Allen Rostron is a traditionalist. The law professor living in Kansas City, Missouri’s Crestwood neighborhood uses a rake to collect leaves, then he bags them. The city collects the bags from his curb.
“I kind of like doing it," Rostron said. "I think fall is the best season, and this is part of the reason."
Starr Terrell uses a lawnmower with a bag attached to collect leaves from her Brookside lawn and driveway.
“I am mowing my driveway right now, yeah, and you caught me in the act,” Terrell admitted Sunday.
Down the block, Andrea Moon uses a leaf blower to move the leaves into a giant pile on her driveway. Then, she takes the mower over the pile, grinding leaves into smaller pieces before using a snow shovel to put the pieces in bags for the city to collect.

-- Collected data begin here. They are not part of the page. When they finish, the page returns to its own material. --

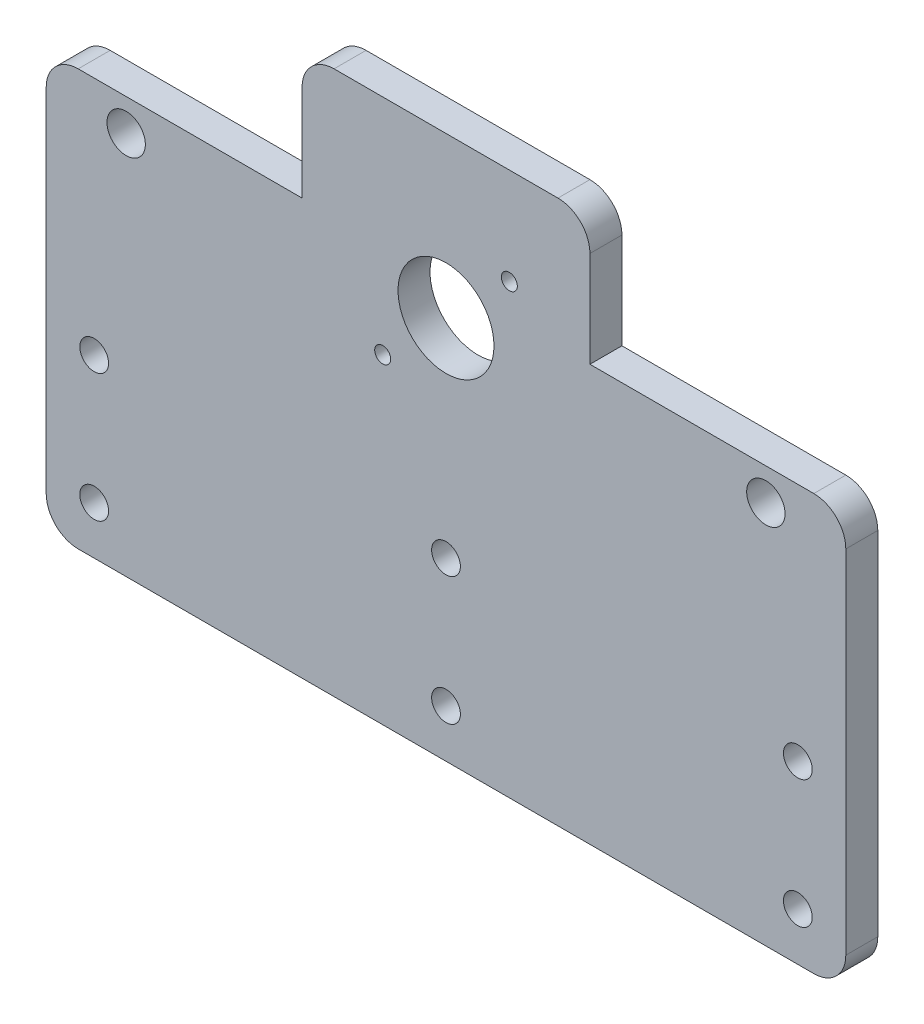
SolidWorks part; units mm, degrees
ref_plane "前视基准面" through (0, 0, 0) normal (0, 0, 1) x (1, 0, 0)
ref_plane "上视基准面" through (0, 0, 0) normal (0, 1, 0) x (1, 0, 0)
ref_plane "右视基准面" through (0, 0, 0) normal (1, 0, 0) x (0, 0, -1)
sketch "草图1" plane through (0, 0, 0) normal (0, 0, 1) x (1, 0, 0)
  line L1 (-125, 85) -> (125, 85)
  line L2 (-125, 85) -> (-125, -85)
  line L3 (-125, -85) -> (125, -85)
  line L4 (125, 85) -> (125, -85)
  line L5 (-125, 85) -> (125, -85) construction
  line L6 (-125, -85) -> (125, 85) construction
  point P0 (0, 0)
  dimension "D1" = 250
  dimension "D2" = 170
extrude "凸台-拉伸1" add sketch "草图1" along normal mid plane 10
sketch "草图2" plane through (0, 0, 5) normal (0, 0, 1) x (1, 0, 0)
  line L0 (125, 85) -> (-125, 85) construction
  line L1 (45, 85) -> (125, 85)
  line L2 (45, 85) -> (45, 45)
  line L3 (45, 45) -> (125, 45)
  line L4 (125, 85) -> (125, 45)
  line L5 (125, -85) -> (125, 85) construction
  dimension "D1" = 80
  dimension "D2" = 40
extrude "切除-拉伸1" cut sketch "草图2" against normal blind 10
mirror "镜向1" about plane through (0, 0, 0) normal (1, 0, 0) of "切除-拉伸1"
hole_wizard "Ø9.0 (9) 直径孔1" positions "草图4" profile "草图3" hole size "Ø9.0" standard "GB" end condition up to next
sketch "草图4" plane through (0, 0, 5) normal (0, 0, 1) x (1, 0, 0)
  line L0 (-125, -85) -> (125, -85) construction
  line L1 (-125, 45) -> (-125, -85) construction
  point P0 (-110, -30)
  point P2 (-110, -70)
  dimension "D1" = 15
  dimension "D2" = 40
  dimension "D3" = 15
sketch "草图3" plane through (-110, -30, 5) normal (1, 0, 0) x (0, -1, 0)
  line L0 (0, 0) -> (0, 10)
  line L1 (0, 10) -> (4.5, 10)
  line L2 (4.5, 10) -> (4.5, 0)
  line L5 (4.5, 0) -> (0, 0)
  line L11 (0, -6.35) -> (0, 107.95) construction
  dimension "通孔孔直径" = 9
  dimension "通孔孔深度" = 10
pattern_linear "阵列(线性)1" count 3 spacing 110 along (1, 0, 0) of "Ø9.0 (9) 直径孔1"
hole_wizard "Ø12.0 (12) 直径孔1" positions "草图6" profile "草图5" hole size "Ø12.0" standard "GB" end condition up to next
sketch "草图6" plane through (0, 0, 5) normal (0, 0, 1) x (1, 0, 0)
  line L0 (-125, -85) -> (125, -85) construction
  point P0 (-100, 35)
  point P2 (100, 35)
  dimension "D1" = 200
  dimension "D2" = 100
  dimension "D3" = 120
sketch "草图5" plane through (-100, 35, 5) normal (1, 0, 0) x (0, -1, 0)
  line L0 (0, 0) -> (0, 10)
  line L1 (0, 10) -> (6, 10)
  line L2 (6, 10) -> (6, 0)
  line L5 (6, 0) -> (0, 0)
  line L11 (0, -6.35) -> (0, 107.95) construction
  dimension "通孔孔直径" = 12
  dimension "通孔孔深度" = 10
sketch "草图7" plane through (0, 0, 5) normal (0, 0, 1) x (1, 0, 0)
  line L0 (-125, -85) -> (125, -85) construction
  circle A0 centre (0, 35) radius 15
  dimension "D1" = 30
  dimension "D2" = 120
extrude "切除-拉伸2" cut sketch "草图7" against normal blind 10
hole_wizard "M6 螺纹孔1" positions "草图9" profile "草图8" tap size "M6" standard "ISO" end condition up to next
sketch "草图9" plane through (0, 0, 5) normal (0, 0, 1) x (1, 0, 0)
  circle A1 centre (0, 35) radius 15 construction
  point P0 (-19.8, 15.2)
  point P2 (19.8, 54.8)
  dimension "D1" = 39.6
  dimension "D2" = 39.6
  dimension "D3" = 19.8
  dimension "D4" = 19.8
sketch "草图8" plane through (-19.8, 15.2, 5) normal (1, 0, 0) x (0, -1, 0)
  line L0 (0, 0) -> (0, 10)
  line L1 (0, 10) -> (2.5, 10)
  line L2 (2.5, 10) -> (2.5, 0)
  line L5 (2.5, 0) -> (0, 0)
  line L11 (0, -6.35) -> (0, 107.95) construction
  dimension "通孔螺纹孔钻头直径" = 5
  dimension "通孔螺纹孔钻头深度" = 10
cosmetic thread "孔螺蚊线1" parameters "D2"=6
cosmetic thread "孔螺蚊线2" parameters "D2"=6
fillet "圆角1" radius 10 6 edges at (125, -85, 0) (125, 45, 0) (45, 85, 0) (-45, 85, 0) (-125, -85, 0) (-125, 45, 0)

“We mulch it, chomp, chomp, chomp, around, and around and around,” Moon said. “When you think you’re done, go around a couple more times. Then it’s almost powder.”
While all those approaches get the job done, experts from Kansas State University’s extension office and Johnson County, Kansas, recommend a different method. The agency said you should mow the leaves where they land, essentially turning them into mulch for your yard.
In a YouTube video, Johnson County’s horticultural agent, Dennis Patton, said you should mow the lawn when there’s roughly an inch of leaves covering the yard. It’s more about mowing the leaves than the grass. It’ll require multiple mowings to mulch all the leaves that fall from trees. Patton recommends fertilizing lawns in November. He also warned a deep pile of leaves can suffocate the grass.
“As long as we continue to mow frequently enough, chopping those leaves fine enough they filter back to the soil surface, we can save ourselves a lot of work,” Patton said in the video.
Expect to mow or rake later in the fall this year than year’s past. KSHB 41 Meteorologist Cassie Wilson says dry, mild and calm conditions this fall have kept leaves on trees longer than year’s past.